# Controlling fire ants



## supermom (Feb 24, 2009)

How do you get rid of fire ants in the pens and fields where your goats live? I'm concerned the kids will nibble the poison, but I don't know of anything else that really works.

Thanks.
Monica


----------



## doublebowgoats (Mar 6, 2008)

Boric acid is supposed to be good but I don't know the particulars on how to use it.


----------



## Sondra (Oct 25, 2007)

I wouldn't use boric acid out where anyone might eat it. I use DE and except that you have to redo after rain it works here and can even feed it to animal so won't hurt any of them


----------



## Sheryl (Oct 27, 2007)

Yep DE here too. and believe it or not sometimes grits...uncooked work. also sometimes cornmeal. supposidly the eat the cornmeal and it expands...same with the grits. But I always use DE even if I do mix the other stuff with it. I have had more success with DE.

Sheryl


----------



## Rose (Oct 26, 2007)

Orthene Fire Ant powder. Stinks very bad. Kills fire ants very well.


----------



## mamatomany (Aug 7, 2008)

IMO nothing kills them...they just move out  If you treat your entire yeard with stuff they will go to the neighbors


----------



## Sheryl (Oct 27, 2007)

:rofl :rofl :rofl that is probably true. They don't like being distrubed or messed with, so if you do a lot of that treating the ant piles, they just move on. :rofl :rofl


BTW I have been told making a hole in the center of the mound and pouring boiling water kills them too.

Sheryl


----------



## deJardine (Apr 29, 2009)

I am so glad we don't have those little things here in California! My cousin in TX used to stick a fire cracker in a fire ant hill and "kabooey" Lol.

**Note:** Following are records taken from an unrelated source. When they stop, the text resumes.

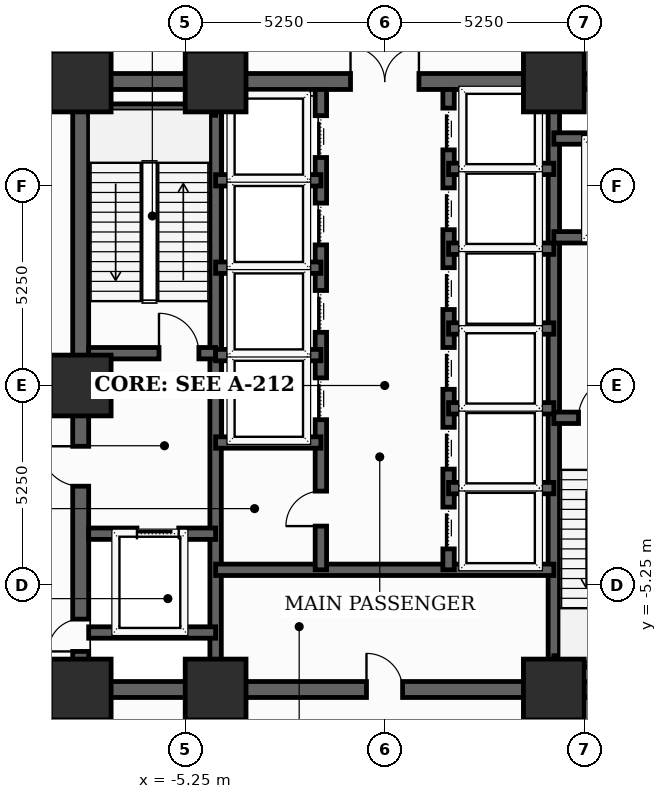
"""IFC4 building model, lengths in metres.
Left out: names, types, materials, properties, quantities, classifications, styles, units other than length and angle.
Written with IfcOpenShell. Run it as: python <this file> out.ifc"""

import sys

from ifc_helpers import new_model, si_unit, direction, frame, frame_2d, origin, origin_2d, place, context, subcontext, project, spatial, rectangle, extrude, element, fill, save


model = new_model("IFC4")
c1 = context("Model", 3, precision=1e-05, world=origin(), true_north=direction((0.0, 1.0)))
c2 = subcontext(c1, "Body", "Model", "MODEL_VIEW")
j1 = project(units=[si_unit("LENGTHUNIT", "METRE"), si_unit("PLANEANGLEUNIT", "RADIAN")], contexts=[c1])
p1 = place(None, origin())
s1 = spatial("IfcSite", under=j1, at=p1, CompositionType="ELEMENT")
p2 = place(p1, origin())
s2 = spatial("IfcBuilding", under=s1, at=p2, CompositionType="ELEMENT")
p3 = place(p2, origin())
s3 = spatial("IfcBuildingStorey", under=s2, at=p3, CompositionType="ELEMENT", Elevation=0.0)
for number, where, z_axis, x_axis in (
    (1, (-8.0, -8.0, 0.0), (0.0, 0.0, 1.0), (1.0, 0.0, 0.0)),
    (2, (-4.45, -8.0, 0.0), (0.0, 0.0, 1.0), (1.0, 0.0, 0.0)),
    (3, (4.45, -8.0, 0.0), (0.0, 0.0, 1.0), (1.0, 0.0, 0.0)),
    (4, (4.45, 8.0, 0.0), (0.0, 0.0, 1.0), (1.0, 0.0, 0.0)),
    (5, (-4.45, 8.0, 0.0), (0.0, 0.0, 1.0), (1.0, 0.0, 0.0)),
    (6, (-8.0, 8.0, 0.0), (0.0, 0.0, 1.0), (1.0, 0.0, 0.0)),
    (7, (-8.0, 0.0, 0.0), (0.0, 0.0, 1.0), (1.0, 0.0, 0.0)),
):
    element("IfcColumn", number, at=place(p3, frame(where, z_axis=z_axis, x_axis=x_axis)), inside=s3, PredefinedType="COLUMN", context=c2, shape_type="SweptSolid", body=[
        extrude(rectangle(XDim=1.6, YDim=1.6, at=origin_2d()), origin(), (0.0, 0.0, 1.0), 5.2),
    ])
p4 = place(p3, frame((-8.0, -8.0, 0.0), z_axis=(0.0, 0.0, 1.0), x_axis=(0.0, 1.0, 0.0)))
e8 = element("IfcWall", 8, at=p4, inside=s3, PredefinedType="SHEAR", context=c2, shape_type="SweptSolid", body=[
    extrude(rectangle(XDim=16.0, YDim=0.42, at=frame_2d((8.0, 0.0))), origin(), (0.0, 0.0, 1.0), 4.95),
])
p5 = place(p4, frame((1.002, 0.0, 0.0)))
e9 = element("IfcOpeningElement", 9, at=p5, cuts=e8, PredefinedType="OPENING", context=c2, shape_type="SweptSolid", body=[
    extrude(rectangle(XDim=0.85, YDim=2.02, at=frame_2d((0.425, 1.01))), frame((0.0, 0.22, 0.0), z_axis=(0.0, -1.0, 0.0), x_axis=(1.0, 0.0, 0.0)), (0.0, 0.0, 1.0), 0.44),
])
p6 = place(p4, frame((5.35, 0.0, 0.0)))
e10 = element("IfcOpeningElement", 10, at=p6, cuts=e8, PredefinedType="OPENING", context=c2, shape_type="SweptSolid", body=[
    extrude(rectangle(XDim=1.05, YDim=2.15, at=frame_2d((0.525, 1.075))), frame((0.0, 0.22, 0.0), z_axis=(0.0, -1.0, 0.0), x_axis=(1.0, 0.0, 0.0)), (0.0, 0.0, 1.0), 0.44),
])
p7 = place(p3, frame((-8.0, -8.0, 0.0), z_axis=(0.0, 0.0, 1.0), x_axis=(1.0, 0.0, 0.0)))
e11 = element("IfcWall", 11, at=p7, inside=s3, PredefinedType="SHEAR", context=c2, shape_type="SweptSolid", body=[
    extrude(rectangle(XDim=16.0, YDim=0.42, at=frame_2d((8.0, 0.0))), origin(), (0.0, 0.0, 1.0), 4.95),
])
p8 = place(p7, frame((7.52, 0.0, 0.0)))
e12 = element("IfcOpeningElement", 12, at=p8, cuts=e11, PredefinedType="OPENING", context=c2, shape_type="SweptSolid", body=[
    extrude(rectangle(XDim=0.95, YDim=2.1, at=frame_2d((0.475, 1.05))), frame((0.0, 0.22, 0.0), z_axis=(0.0, -1.0, 0.0), x_axis=(1.0, 0.0, 0.0)), (0.0, 0.0, 1.0), 0.44),
])
p9 = place(p3, frame((-8.0, 8.0, 0.0), z_axis=(0.0, 0.0, 1.0), x_axis=(1.0, 0.0, 0.0)))
e13 = element("IfcWall", 13, at=p9, inside=s3, PredefinedType="SHEAR", context=c2, shape_type="SweptSolid", body=[
    extrude(rectangle(XDim=16.0, YDim=0.42, at=frame_2d((8.0, 0.0))), origin(), (0.0, 0.0, 1.0), 4.95),
])
p10 = place(p9, frame((7.1, 0.0, 0.0)))
e14 = element("IfcOpeningElement", 14, at=p10, cuts=e13, PredefinedType="OPENING", context=c2, shape_type="SweptSolid", body=[
    extrude(rectangle(XDim=1.8, YDim=2.15, at=frame_2d((0.9, 1.075))), frame((0.0, 0.22, 0.0), z_axis=(0.0, -1.0, 0.0), x_axis=(1.0, 0.0, 0.0)), (0.0, 0.0, 1.0), 0.44),
])
for number, where, z_axis, x_axis in (
    (15, (-4.45, -7.79, 0.0), (0.0, 0.0, 1.0), (0.0, 1.0, 0.0)),
    (16, (4.45, -7.79, 0.0), (0.0, 0.0, 1.0), (0.0, 1.0, 0.0)),
):
    element("IfcWall", number, at=place(p3, frame(where, z_axis=z_axis, x_axis=x_axis)), inside=s3, PredefinedType="SHEAR", context=c2, shape_type="SweptSolid", body=[
        extrude(rectangle(XDim=15.58, YDim=0.3, at=frame_2d((7.79, 0.0))), origin(), (0.0, 0.0, 1.0), 4.95),
    ])
p11 = place(p3, frame((-7.79, 0.85, 0.0), z_axis=(0.0, 0.0, 1.0), x_axis=(1.0, 0.0, 0.0)))
e17 = element("IfcWall", 17, at=p11, inside=s3, PredefinedType="SHEAR", context=c2, shape_type="SweptSolid", body=[
    extrude(rectangle(XDim=3.34, YDim=0.3, at=frame_2d((1.67, 0.0))), origin(), (0.0, 0.0, 1.0), 4.95),
])
p12 = place(p11, frame((1.85, 0.0, 0.0)))
e18 = element("IfcOpeningElement", 18, at=p12, cuts=e17, PredefinedType="OPENING", context=c2, shape_type="SweptSolid", body=[
    extrude(rectangle(XDim=1.05, YDim=2.15, at=frame_2d((0.525, 1.075))), frame((0.0, 0.16, 0.0), z_axis=(0.0, -1.0, 0.0), x_axis=(1.0, 0.0, 0.0)), (0.0, 0.0, 1.0), 0.32),
])
p13 = place(p3, frame((-7.79, 7.26, 0.0), z_axis=(0.0, 0.0, 1.0), x_axis=(1.0, 0.0, 0.0)))
e19 = element("IfcWall", 19, at=p13, inside=s3, PredefinedType="SHEAR", context=c2, shape_type="SweptSolid", body=[
    extrude(rectangle(XDim=3.34, YDim=0.3, at=frame_2d((1.67, 0.0))), origin(), (0.0, 0.0, 1.0), 4.95),
])
p14 = place(p3, frame((4.45, -0.85, 0.0), z_axis=(0.0, 0.0, 1.0), x_axis=(1.0, 0.0, 0.0)))
e20 = element("IfcWall", 20, at=p14, inside=s3, PredefinedType="SHEAR", context=c2, shape_type="SweptSolid", body=[
    extrude(rectangle(XDim=3.34, YDim=0.3, at=frame_2d((1.67, 0.0))), origin(), (0.0, 0.0, 1.0), 4.95),
])
p15 = place(p14, frame((0.65, 0.0, 0.0)))
e21 = element("IfcOpeningElement", 21, at=p15, cuts=e20, PredefinedType="OPENING", context=c2, shape_type="SweptSolid", body=[
    extrude(rectangle(XDim=1.05, YDim=2.15, at=frame_2d((0.525, 1.075))), frame((0.0, 0.16, 0.0), z_axis=(0.0, -1.0, 0.0), x_axis=(1.0, 0.0, 0.0)), (0.0, 0.0, 1.0), 0.32),
])
p16 = place(p3, frame((4.45, -7.26, 0.0), z_axis=(0.0, 0.0, 1.0), x_axis=(1.0, 0.0, 0.0)))
e22 = element("IfcWall", 22, at=p16, inside=s3, PredefinedType="SHEAR", context=c2, shape_type="SweptSolid", body=[
    extrude(rectangle(XDim=3.55, YDim=0.3, at=frame_2d((1.775, 0.0))), origin(), (0.0, 0.0, 1.0), 4.95),
])
p17 = place(p3, frame((-7.79, -3.9, 0.0), z_axis=(0.0, 0.0, 1.0), x_axis=(1.0, 0.0, 0.0)))
e23 = element("IfcWall", 23, at=p17, inside=s3, PredefinedType="SHEAR", context=c2, shape_type="SweptSolid", body=[
    extrude(rectangle(XDim=3.34, YDim=0.3, at=frame_2d((1.67, 0.0))), origin(), (0.0, 0.0, 1.0), 4.95),
])
p18 = place(p17, frame((1.27, 0.0, 0.0)))
e24 = element("IfcOpeningElement", 24, at=p18, cuts=e23, PredefinedType="OPENING", context=c2, shape_type="SweptSolid", body=[
    extrude(rectangle(XDim=1.1, YDim=2.1, at=frame_2d((0.55, 1.05))), frame((0.0, 0.16, 0.0), z_axis=(0.0, -1.0, 0.0), x_axis=(1.0, 0.0, 0.0)), (0.0, 0.0, 1.0), 0.32),
])
p19 = place(p3, frame((-7.79, -6.5, 0.0), z_axis=(0.0, 0.0, 1.0), x_axis=(1.0, 0.0, 0.0)))
e25 = element("IfcWall", 25, at=p19, inside=s3, PredefinedType="SHEAR", context=c2, shape_type="SweptSolid", body=[
    extrude(rectangle(XDim=3.34, YDim=0.3, at=frame_2d((1.67, 0.0))), origin(), (0.0, 0.0, 1.0), 4.95),
])
p20 = place(p3, frame((4.45, 3.9, 0.0), z_axis=(0.0, 0.0, 1.0), x_axis=(1.0, 0.0, 0.0)))
e26 = element("IfcWall", 26, at=p20, inside=s3, PredefinedType="SHEAR", context=c2, shape_type="SweptSolid", body=[
    extrude(rectangle(XDim=3.34, YDim=0.3, at=frame_2d((1.67, 0.0))), origin(), (0.0, 0.0, 1.0), 4.95),
])
p21 = place(p20, frame((1.18, 0.0, 0.0)))
e27 = element("IfcOpeningElement", 27, at=p21, cuts=e26, PredefinedType="OPENING", context=c2, shape_type="SweptSolid", body=[
    extrude(rectangle(XDim=1.1, YDim=2.1, at=frame_2d((0.55, 1.05))), frame((0.0, 0.16, 0.0), z_axis=(0.0, -1.0, 0.0), x_axis=(1.0, 0.0, 0.0)), (0.0, 0.0, 1.0), 0.32),
])
p22 = place(p3, frame((4.45, 6.5, 0.0), z_axis=(0.0, 0.0, 1.0), x_axis=(1.0, 0.0, 0.0)))
e28 = element("IfcWall", 28, at=p22, inside=s3, PredefinedType="SHEAR", context=c2, shape_type="SweptSolid", body=[
    extrude(rectangle(XDim=3.34, YDim=0.3, at=frame_2d((1.67, 0.0))), origin(), (0.0, 0.0, 1.0), 4.95),
])
p23 = place(p3, frame((-4.45, -4.85, 0.0), z_axis=(0.0, 0.0, 1.0), x_axis=(1.0, 0.0, 0.0)))
e29 = element("IfcWall", 29, at=p23, inside=s3, PredefinedType="SHEAR", context=c2, shape_type="SweptSolid", body=[
    extrude(rectangle(XDim=8.9, YDim=0.3, at=frame_2d((4.45, 0.0))), origin(), (0.0, 0.0, 1.0), 4.95),
])
p24 = place(p3, frame((-1.68, -4.85, 0.0), z_axis=(0.0, 0.0, 1.0), x_axis=(0.0, 1.0, 0.0)))
e30 = element("IfcWall", 30, at=p24, inside=s3, PredefinedType="SHEAR", context=c2, shape_type="SweptSolid", body=[
    extrude(rectangle(XDim=12.64, YDim=0.3, at=frame_2d((6.32, 0.0))), origin(), (0.0, 0.0, 1.0), 4.95),
])
p25 = place(p24, frame((3.95, 0.0, 0.0)))
e31 = element("IfcOpeningElement", 31, at=p25, cuts=e30, PredefinedType="OPENING", context=c2, shape_type="SweptSolid", body=[
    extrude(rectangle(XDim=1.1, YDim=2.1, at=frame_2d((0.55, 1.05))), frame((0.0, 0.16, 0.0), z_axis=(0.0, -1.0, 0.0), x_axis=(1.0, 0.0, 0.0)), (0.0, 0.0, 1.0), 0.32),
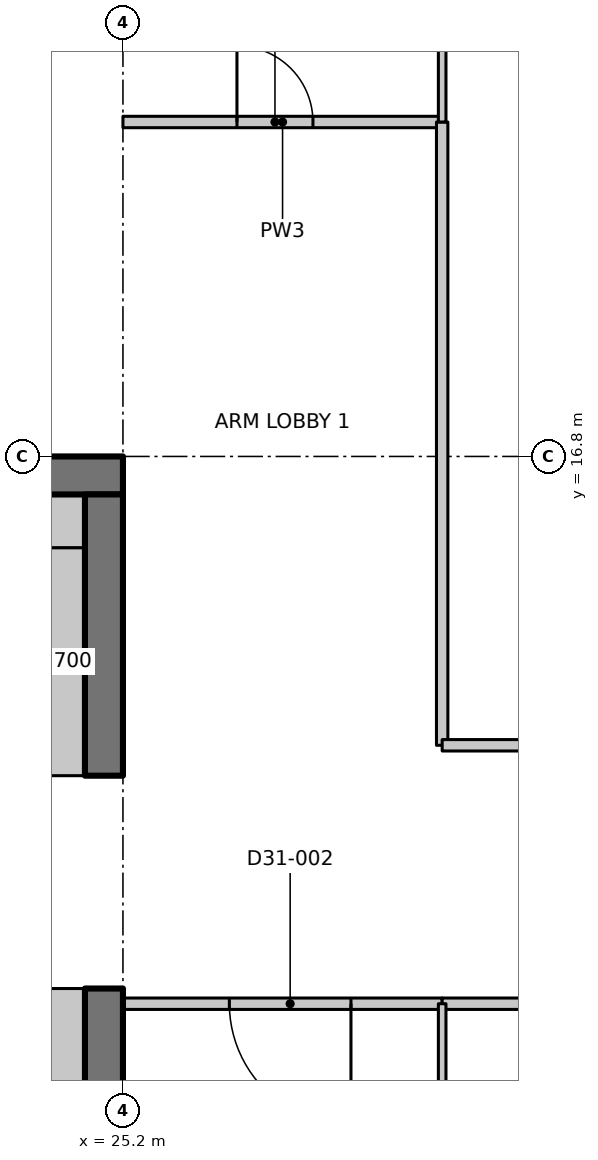
"""IFC4 building model, lengths in metres.
Left out: names, types, materials, properties, quantities, classifications, styles, units other than length and angle.
Written with IfcOpenShell. Run it as: python <this file> out.ifc"""

import sys

from ifc_helpers import new_model, si_unit, direction, frame, frame_2d, origin, place, context, subcontext, project, spatial, polyline, rectangle, outline, extrude, element, fill, save


model = new_model("IFC4")
c1 = context("Model", 3, precision=1e-05, world=origin(), true_north=direction((0.0, 1.0)))
c2 = subcontext(c1, "Body", "Model", "MODEL_VIEW")
j1 = project(units=[si_unit("LENGTHUNIT", "METRE"), si_unit("PLANEANGLEUNIT", "RADIAN")], contexts=[c1])
p1 = place(None, origin())
s1 = spatial("IfcSite", under=j1, at=p1, CompositionType="ELEMENT")
p2 = place(p1, origin())
s2 = spatial("IfcBuilding", under=s1, at=p2, CompositionType="ELEMENT")
p3 = place(p2, frame((0.0, 0.0, 251.7)))
s3 = spatial("IfcBuildingStorey", under=s2, at=p3, CompositionType="ELEMENT", Elevation=251.7)
p4 = place(p3, frame((23.8, 16.55, 0.0), z_axis=(0.0, 0.0, 1.0), x_axis=(1.0, 0.0, 0.0)))
e1 = element("IfcWall", 1, at=p4, inside=s3, PredefinedType="SHEAR", context=c2, shape_type="SweptSolid", body=[
    extrude(rectangle(XDim=1.4, YDim=0.5, at=frame_2d((0.7, 0.0))), origin(), (0.0, 0.0, 1.0), 4.05),
])
p5 = place(p3, frame((24.95, 0.5, 0.0), z_axis=(0.0, 0.0, 1.0), x_axis=(0.0, 1.0, 0.0)))
e2 = element("IfcWall", 2, at=p5, inside=s3, PredefinedType="SHEAR", context=c2, shape_type="SweptSolid", body=[
    extrude(rectangle(XDim=9.3, YDim=0.5, at=frame_2d((4.65, 0.0))), origin(), (0.0, 0.0, 1.0), 4.05),
])
p6 = place(p3, frame((24.95, 12.6, 0.0), z_axis=(0.0, 0.0, 1.0), x_axis=(0.0, 1.0, 0.0)))
e3 = element("IfcWall", 3, at=p6, inside=s3, PredefinedType="SHEAR", context=c2, shape_type="SweptSolid", body=[
    extrude(rectangle(XDim=3.7, YDim=0.5, at=frame_2d((1.85, 0.0))), origin(), (0.0, 0.0, 1.0), 4.05),
])
p7 = place(p3, frame((24.35, 12.6, 0.0), z_axis=(0.0, 0.0, 1.0), x_axis=(0.0, 1.0, 0.0)))
e4 = element("IfcWall", 4, at=p7, inside=s3, PredefinedType="PARTITIONING", context=c2, shape_type="SweptSolid", body=[
    extrude(rectangle(XDim=3.0, YDim=0.7, at=frame_2d((1.5, 0.0))), origin(), (0.0, 0.0, 1.0), 4.05),
])
p8 = place(p3, frame((23.8, 15.95, 0.0), z_axis=(0.0, 0.0, 1.0), x_axis=(1.0, 0.0, 0.0)))
e5 = element("IfcWall", 5, at=p8, inside=s3, PredefinedType="PARTITIONING", context=c2, shape_type="SweptSolid", body=[
    extrude(rectangle(XDim=0.9, YDim=0.7, at=frame_2d((0.45, 0.0))), origin(), (0.0, 0.0, 1.0), 4.05),
])
p9 = place(p3, frame((24.35, 4.35, 0.0), z_axis=(0.0, 0.0, 1.0), x_axis=(0.0, 1.0, 0.0)))
e6 = element("IfcWall", 6, at=p9, inside=s3, PredefinedType="PARTITIONING", context=c2, shape_type="SweptSolid", body=[
    extrude(rectangle(XDim=5.45, YDim=0.7, at=frame_2d((2.725, 0.0))), origin(), (0.0, 0.0, 1.0), 4.05),
])
p10 = place(p3, frame((25.2, 21.2, 0.0), z_axis=(0.0, 0.0, 1.0), x_axis=(1.0, 0.0, 0.0)))
e7 = element("IfcWall", 7, at=p10, inside=s3, PredefinedType="PARTITIONING", context=c2, shape_type="SweptSolid", body=[
    extrude(rectangle(XDim=4.2, YDim=0.15, at=frame_2d((2.1, 0.0))), origin(), (0.0, 0.0, 1.0), 4.03),
])
p11 = place(p10, frame((1.5, 0.0, 0.0)))
e8 = element("IfcOpeningElement", 8, at=p11, cuts=e7, PredefinedType="OPENING", context=c2, shape_type="SweptSolid", body=[
    extrude(rectangle(XDim=1.0, YDim=2.1, at=frame_2d((0.5, 1.05))), frame((0.0, 0.085, 0.0), z_axis=(0.0, -1.0, 0.0), x_axis=(1.0, 0.0, 0.0)), (0.0, 0.0, 1.0), 0.17),
])
p12 = place(p3, frame((29.4, 9.6, 0.0), z_axis=(0.0, 0.0, 1.0), x_axis=(-1.0, 0.0, 0.0)))
e9 = element("IfcWall", 9, at=p12, inside=s3, PredefinedType="PARTITIONING", context=c2, shape_type="SweptSolid", body=[
    extrude(rectangle(XDim=4.2, YDim=0.15, at=frame_2d((2.1, 0.0))), origin(), (0.0, 0.0, 1.0), 4.03),
])
p13 = place(p12, frame((1.2, 0.0, 0.0)))
e10 = element("IfcOpeningElement", 10, at=p13, cuts=e9, PredefinedType="OPENING", context=c2, shape_type="SweptSolid", body=[
    extrude(rectangle(XDim=1.6, YDim=2.1, at=frame_2d((0.8, 1.05))), frame((0.0, 0.085, 0.0), z_axis=(0.0, -1.0, 0.0), x_axis=(1.0, 0.0, 0.0)), (0.0, 0.0, 1.0), 0.17),
])
p14 = place(p3, frame((29.4, 21.2, 0.0), z_axis=(0.0, 0.0, 1.0), x_axis=(0.0, -1.0, 0.0)))
e11 = element("IfcWall", 11, at=p14, inside=s3, PredefinedType="PARTITIONING", context=c2, shape_type="SweptSolid", body=[
    extrude(rectangle(XDim=8.2, YDim=0.15, at=frame_2d((4.1, 0.0))), origin(), (0.0, 0.0, 1.0), 4.03),
])
p15 = place(p3, frame((29.4, 27.423, 0.0), z_axis=(0.0, 0.0, 1.0), x_axis=(0.0, -1.0, 0.0)))
e12 = element("IfcWall", 12, at=p15, inside=s3, PredefinedType="PARTITIONING", context=c2, shape_type="SweptSolid", body=[
    extrude(outline(polyline([(0.0, 0.0), (6.223, 0.0), (6.223, 4.03), (2.673, 4.03), (2.671, 3.68), (1.775, 3.68), (1.773, 4.03), (0.148, 4.03), (0.0, 4.03), (0.0, 0.0)])), frame((0.0, 0.05, 0.0), z_axis=(0.0, -1.0, 0.0), x_axis=(1.0, 0.0, 0.0)), (0.0, 0.0, 1.0), 0.1),
])
p16 = place(p3, frame((33.6, 9.6, 0.0), z_axis=(0.0, 0.0, 1.0), x_axis=(-1.0, 0.0, 0.0)))
e13 = element("IfcWall", 13, at=p16, inside=s3, PredefinedType="PARTITIONING", context=c2, shape_type="SweptSolid", body=[
    extrude(rectangle(XDim=4.2, YDim=0.15, at=frame_2d((2.1, 0.0))), origin(), (0.0, 0.0, 1.0), 4.03),
])
p17 = place(p3, frame((29.4, 13.0, 0.0), z_axis=(0.0, 0.0, 1.0), x_axis=(1.0, 0.0, 0.0)))
e14 = element("IfcWall", 14, at=p17, inside=s3, PredefinedType="PARTITIONING", context=c2, shape_type="SweptSolid", body=[
    extrude(rectangle(XDim=8.4, YDim=0.15, at=frame_2d((4.2, 0.0))), origin(), (0.0, 0.0, 1.0), 4.03),
])
p18 = place(p17, frame((3.3, 0.0, 0.0)))
e15 = element("IfcOpeningElement", 15, at=p18, cuts=e14, PredefinedType="OPENING", context=c2, shape_type="SweptSolid", body=[
    extrude(rectangle(XDim=2.0, YDim=2.4, at=frame_2d((1.0, 1.2))), frame((0.0, 0.085, 0.0), z_axis=(0.0, -1.0, 0.0), x_axis=(1.0, 0.0, 0.0)), (0.0, 0.0, 1.0), 0.17),
])
p19 = place(p3, frame((29.4, 9.6, 0.0), z_axis=(0.0, 0.0, 1.0), x_axis=(0.0, -1.0, 0.0)))
e16 = element("IfcWall", 16, at=p19, inside=s3, PredefinedType="PARTITIONING", context=c2, shape_type="SweptSolid", body=[
    extrude(rectangle(XDim=4.8, YDim=0.1, at=frame_2d((2.4, 0.0))), origin(), (0.0, 0.0, 1.0), 4.03),
])
p20 = place(p19, frame((1.8, 0.0, 0.0)))
e17 = element("IfcOpeningElement", 17, at=p20, cuts=e16, PredefinedType="OPENING", context=c2, shape_type="SweptSolid", body=[
    extrude(rectangle(XDim=1.0, YDim=2.1, at=frame_2d((0.5, 1.05))), frame((0.0, 0.06, 0.0), z_axis=(0.0, -1.0, 0.0), x_axis=(1.0, 0.0, 0.0)), (0.0, 0.0, 1.0), 0.12),
])
p21 = place(p11, origin())
e18 = element("IfcDoor", 18, at=p21, inside=s3, OperationType="SINGLE_SWING_LEFT", PredefinedType="DOOR", context=c2, shape_type="SweptSolid", body=[
    extrude(rectangle(XDim=1.0, YDim=2.1, at=frame_2d((0.5, 1.05))), frame((0.0, 0.025, 0.0), z_axis=(0.0, -1.0, 0.0), x_axis=(1.0, 0.0, 0.0)), (0.0, 0.0, 1.0), 0.05),
])
fill(e8, e18)
p22 = place(p13, origin())
e19 = element("IfcDoor", 19, at=p22, inside=s3, OperationType="DOUBLE_DOOR_SINGLE_SWING", PredefinedType="DOOR", context=c2, shape_type="SweptSolid", body=[
    extrude(rectangle(XDim=1.6, YDim=2.1, at=frame_2d((0.8, 1.05))), frame((0.0, 0.025, 0.0), z_axis=(0.0, -1.0, 0.0), x_axis=(1.0, 0.0, 0.0)), (0.0, 0.0, 1.0), 0.05),
])
fill(e10, e19)
save(model, sys.argv[1])

Does baking soda work? The DE is a great idea.


----------



## supermom (Feb 24, 2009)

I am pretty sure if we stuck some TNT in a fire ant mound, we'd just have fire ants spread out everywhere....sure wouldn't want that :nooo . We did consider a fire cracker in a hole in our chicken house the other day when we saw a snake go down there. Instead we flooded it and a 6 footer came out. ICK!

Monica


----------



## Theresa (Oct 26, 2007)

Bleach will kill them. You can pour it around the hill and then on the hill and it will kill them. I don't think that would hurt the goats unless they drank it.
Theresa


----------



## Madfarmer (Nov 18, 2008)

There's a product called something like "Ant-i-dote" (Google it) It's a parasite that burrows into their li'l heads & eats their brains, which I think is particularly charming! Since its a parasite, its going to take some time to work, but the upside is it won't harm anything else. Orange oil will send them packing, also.

Tom


----------



## Sheryl (Oct 27, 2007)

yep I forgot about the orange oil! just don't get it on anything with paint...it'll start peeling, and it will burn up plants ifyou get it on the leaves full strength. :rofl

Sheryl


----------



## NubianSoaps.com (Oct 26, 2007)

We use one of the may one time baits all over the yards, around the barns and around the gardens once a year. With them taking diazinon off the market couple of years ago, nothing works as well as it did. By poisoning around the barn prekidding we don't have many ants in the barn.

I let them be as long as they are not where I frequent, and like all things, stinging nettle, bull nettle and fireants, it's something that bothers new people more, it's hard to remember to show everyone how to stay out of it. You don't stand in fresh sand...it's not sand it's a fireant mound. Right now mine is wasps and hornets, killing their new homes before they finish making them, which is always on my buck gate! Vicki


----------



## buckrun (Mar 7, 2008)

We have tried everything we have ever heard of to actually kill the mounds and it is true that most things just make them move to another location and in fact start more than one new location. The only thing that actually seems to work is the fire ant bait that has the hormone disrupter in it. Expensive but when looking around at pastures with a mound every square yard I am willing to pay. Trouble is this year it has been to wet to put it out. They will not eat it if it gets wet. grrrrrrr

Supposedly the USDA has released some parasitic wasps that target these ants but I have seen no sign of them yet. Sposed to be moving out from the release area at one mile radius per year. HURRY UP!!!